Running power_mod2(3, 100000000000, 102) is twice as fast as the original version, though the time for JIT compile (used in an essential way here) is not included. With Nemo.jl, when you construct a prime field GF(103), I think some numbers are pre-computed to enable similar tricks without invoking a JIT compiler, and this pre-computation was also not included in the benchmark numbers I posted.

Note you can use Base.MultiplicativeInverses.multiplicativeinverse(x) if you’d prefer to to avoid the dynamic dispatch.

julia> @btime power_mod2($(Ref(3))[], $(Ref(100000000000))[], $(Ref(102))[])
  200.797 ns (1 allocation: 16 bytes)
69

julia> @btime power_mod3($(Ref(3))[], $(Ref(100000000000))[], $(Ref(102))[])
  135.233 ns (0 allocations: 0 bytes)
69

Implementation:

function power_mod3(a, b, c)
    @assert c^2 < typemax(c) #otherwise need `widen`
    cfast = Base.MultiplicativeInverses.multiplicativeinverse(c)
    r = 1
    while b > 0
        if isodd(b)
            r = r * a % cfast
        end
        b = div(b, 2)
        a = a * a % cfast
    end
    return r
end

@oscar_smith maybe we should be doing this?

It might also be faster to use trailing_zeros like the power_by_squaring method, which might be faster if you have a lot of 0s (i.e., if isodd would return false multiple times in a row).
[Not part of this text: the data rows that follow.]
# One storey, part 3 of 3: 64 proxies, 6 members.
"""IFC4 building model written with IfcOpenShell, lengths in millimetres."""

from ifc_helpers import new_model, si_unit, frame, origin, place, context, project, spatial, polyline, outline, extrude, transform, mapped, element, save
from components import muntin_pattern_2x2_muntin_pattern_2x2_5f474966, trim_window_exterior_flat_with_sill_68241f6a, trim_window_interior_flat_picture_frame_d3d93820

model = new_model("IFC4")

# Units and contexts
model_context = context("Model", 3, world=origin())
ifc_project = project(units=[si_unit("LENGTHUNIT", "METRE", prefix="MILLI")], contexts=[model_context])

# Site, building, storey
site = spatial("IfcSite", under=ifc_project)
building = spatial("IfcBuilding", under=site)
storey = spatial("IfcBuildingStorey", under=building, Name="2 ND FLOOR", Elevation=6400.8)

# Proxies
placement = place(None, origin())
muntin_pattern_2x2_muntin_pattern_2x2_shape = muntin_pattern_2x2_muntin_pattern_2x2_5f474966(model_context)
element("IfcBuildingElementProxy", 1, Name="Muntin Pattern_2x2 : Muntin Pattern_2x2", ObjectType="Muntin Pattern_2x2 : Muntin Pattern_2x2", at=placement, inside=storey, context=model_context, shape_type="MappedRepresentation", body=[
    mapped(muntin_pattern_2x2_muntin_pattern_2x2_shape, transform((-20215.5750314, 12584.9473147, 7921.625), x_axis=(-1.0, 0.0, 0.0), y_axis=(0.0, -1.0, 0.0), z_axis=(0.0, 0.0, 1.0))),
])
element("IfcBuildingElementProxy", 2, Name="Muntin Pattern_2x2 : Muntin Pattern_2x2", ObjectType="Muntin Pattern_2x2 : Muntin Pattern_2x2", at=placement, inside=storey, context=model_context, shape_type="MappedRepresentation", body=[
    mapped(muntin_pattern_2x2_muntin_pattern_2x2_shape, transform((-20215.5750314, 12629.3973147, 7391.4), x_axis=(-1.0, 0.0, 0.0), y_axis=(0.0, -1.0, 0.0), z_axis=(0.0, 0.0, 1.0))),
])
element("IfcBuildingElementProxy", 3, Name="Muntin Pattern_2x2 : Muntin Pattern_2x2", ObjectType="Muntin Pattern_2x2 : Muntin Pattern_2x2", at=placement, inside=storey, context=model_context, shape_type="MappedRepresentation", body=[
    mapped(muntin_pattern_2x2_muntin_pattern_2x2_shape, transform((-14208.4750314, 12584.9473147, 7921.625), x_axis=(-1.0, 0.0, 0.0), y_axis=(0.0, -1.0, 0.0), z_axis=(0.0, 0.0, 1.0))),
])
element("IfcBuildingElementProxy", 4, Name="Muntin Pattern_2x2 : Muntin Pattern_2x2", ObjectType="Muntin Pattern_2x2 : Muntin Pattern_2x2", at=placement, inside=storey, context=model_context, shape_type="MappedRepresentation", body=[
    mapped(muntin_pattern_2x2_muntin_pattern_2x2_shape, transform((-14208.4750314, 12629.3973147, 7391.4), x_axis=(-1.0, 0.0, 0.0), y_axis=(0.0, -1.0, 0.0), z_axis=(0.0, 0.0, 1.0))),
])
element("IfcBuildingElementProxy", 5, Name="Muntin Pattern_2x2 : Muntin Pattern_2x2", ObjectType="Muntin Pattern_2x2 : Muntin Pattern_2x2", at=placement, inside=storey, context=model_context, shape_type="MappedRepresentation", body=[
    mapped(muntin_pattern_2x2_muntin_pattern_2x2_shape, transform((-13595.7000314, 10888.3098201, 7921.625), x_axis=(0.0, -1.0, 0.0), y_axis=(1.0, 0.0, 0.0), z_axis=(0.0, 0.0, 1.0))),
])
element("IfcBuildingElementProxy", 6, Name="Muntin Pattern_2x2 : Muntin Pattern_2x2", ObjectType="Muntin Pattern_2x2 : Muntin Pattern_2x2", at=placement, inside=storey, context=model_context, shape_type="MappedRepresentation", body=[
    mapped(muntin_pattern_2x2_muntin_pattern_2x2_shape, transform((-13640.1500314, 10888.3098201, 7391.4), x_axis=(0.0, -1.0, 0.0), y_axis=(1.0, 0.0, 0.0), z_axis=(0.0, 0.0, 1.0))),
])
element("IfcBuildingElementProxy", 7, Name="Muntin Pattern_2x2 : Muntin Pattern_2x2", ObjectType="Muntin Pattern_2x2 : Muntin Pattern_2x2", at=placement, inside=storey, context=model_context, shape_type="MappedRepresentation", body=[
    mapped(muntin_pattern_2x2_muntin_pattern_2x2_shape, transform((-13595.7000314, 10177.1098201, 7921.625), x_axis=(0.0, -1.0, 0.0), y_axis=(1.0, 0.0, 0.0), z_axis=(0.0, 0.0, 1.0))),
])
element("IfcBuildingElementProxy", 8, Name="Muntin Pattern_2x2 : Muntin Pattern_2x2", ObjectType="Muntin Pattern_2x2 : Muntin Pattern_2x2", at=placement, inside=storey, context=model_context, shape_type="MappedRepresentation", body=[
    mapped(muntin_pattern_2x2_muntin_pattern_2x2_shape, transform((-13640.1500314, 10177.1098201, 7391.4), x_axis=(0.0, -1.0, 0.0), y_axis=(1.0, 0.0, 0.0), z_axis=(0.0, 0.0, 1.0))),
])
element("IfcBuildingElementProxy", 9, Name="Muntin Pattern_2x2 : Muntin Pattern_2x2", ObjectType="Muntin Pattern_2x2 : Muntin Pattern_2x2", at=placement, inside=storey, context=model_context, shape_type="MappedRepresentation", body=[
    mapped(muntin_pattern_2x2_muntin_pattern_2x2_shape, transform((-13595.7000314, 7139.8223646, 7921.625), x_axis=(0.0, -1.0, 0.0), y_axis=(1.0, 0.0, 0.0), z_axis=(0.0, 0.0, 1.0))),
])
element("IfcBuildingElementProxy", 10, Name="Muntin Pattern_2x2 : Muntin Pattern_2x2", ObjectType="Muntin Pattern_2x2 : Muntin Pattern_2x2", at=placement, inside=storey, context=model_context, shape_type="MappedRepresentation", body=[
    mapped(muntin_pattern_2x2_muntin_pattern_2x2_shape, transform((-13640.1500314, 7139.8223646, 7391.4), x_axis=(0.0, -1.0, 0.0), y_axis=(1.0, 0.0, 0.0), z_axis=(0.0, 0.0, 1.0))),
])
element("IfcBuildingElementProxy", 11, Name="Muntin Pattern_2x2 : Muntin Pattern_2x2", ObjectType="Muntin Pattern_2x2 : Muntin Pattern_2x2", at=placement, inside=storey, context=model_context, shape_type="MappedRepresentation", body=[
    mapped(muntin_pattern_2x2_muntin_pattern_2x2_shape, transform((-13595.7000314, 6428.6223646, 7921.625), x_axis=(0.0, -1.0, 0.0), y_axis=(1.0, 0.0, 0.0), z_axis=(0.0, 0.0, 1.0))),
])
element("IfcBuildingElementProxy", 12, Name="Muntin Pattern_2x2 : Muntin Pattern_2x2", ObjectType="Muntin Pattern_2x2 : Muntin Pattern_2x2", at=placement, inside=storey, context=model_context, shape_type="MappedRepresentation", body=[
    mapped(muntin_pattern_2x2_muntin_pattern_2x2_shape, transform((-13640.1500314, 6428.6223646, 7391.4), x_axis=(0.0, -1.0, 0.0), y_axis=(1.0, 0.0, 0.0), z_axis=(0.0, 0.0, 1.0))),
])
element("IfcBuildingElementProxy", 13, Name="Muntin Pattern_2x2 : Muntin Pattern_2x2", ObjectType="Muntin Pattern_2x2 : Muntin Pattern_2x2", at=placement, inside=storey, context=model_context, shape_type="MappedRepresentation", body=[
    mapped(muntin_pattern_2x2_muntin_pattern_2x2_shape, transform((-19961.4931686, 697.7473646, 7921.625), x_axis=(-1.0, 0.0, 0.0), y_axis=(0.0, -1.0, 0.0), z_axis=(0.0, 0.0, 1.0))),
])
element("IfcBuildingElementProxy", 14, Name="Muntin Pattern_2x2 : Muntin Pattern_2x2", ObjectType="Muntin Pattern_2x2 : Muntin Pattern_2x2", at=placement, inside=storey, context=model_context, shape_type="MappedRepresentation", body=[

Probably won’t make much of a difference in the average case.

2 Likes

This will be a bit tricky, since in general you can reduce the exponent in a^e \bmod n only by \varphi(n), with \varphi the Euler \varphi-function. If n happens to be a prime (which it is in this case), you have \varphi(n) = n - 1. In general you need to factor n to find \varphi(n).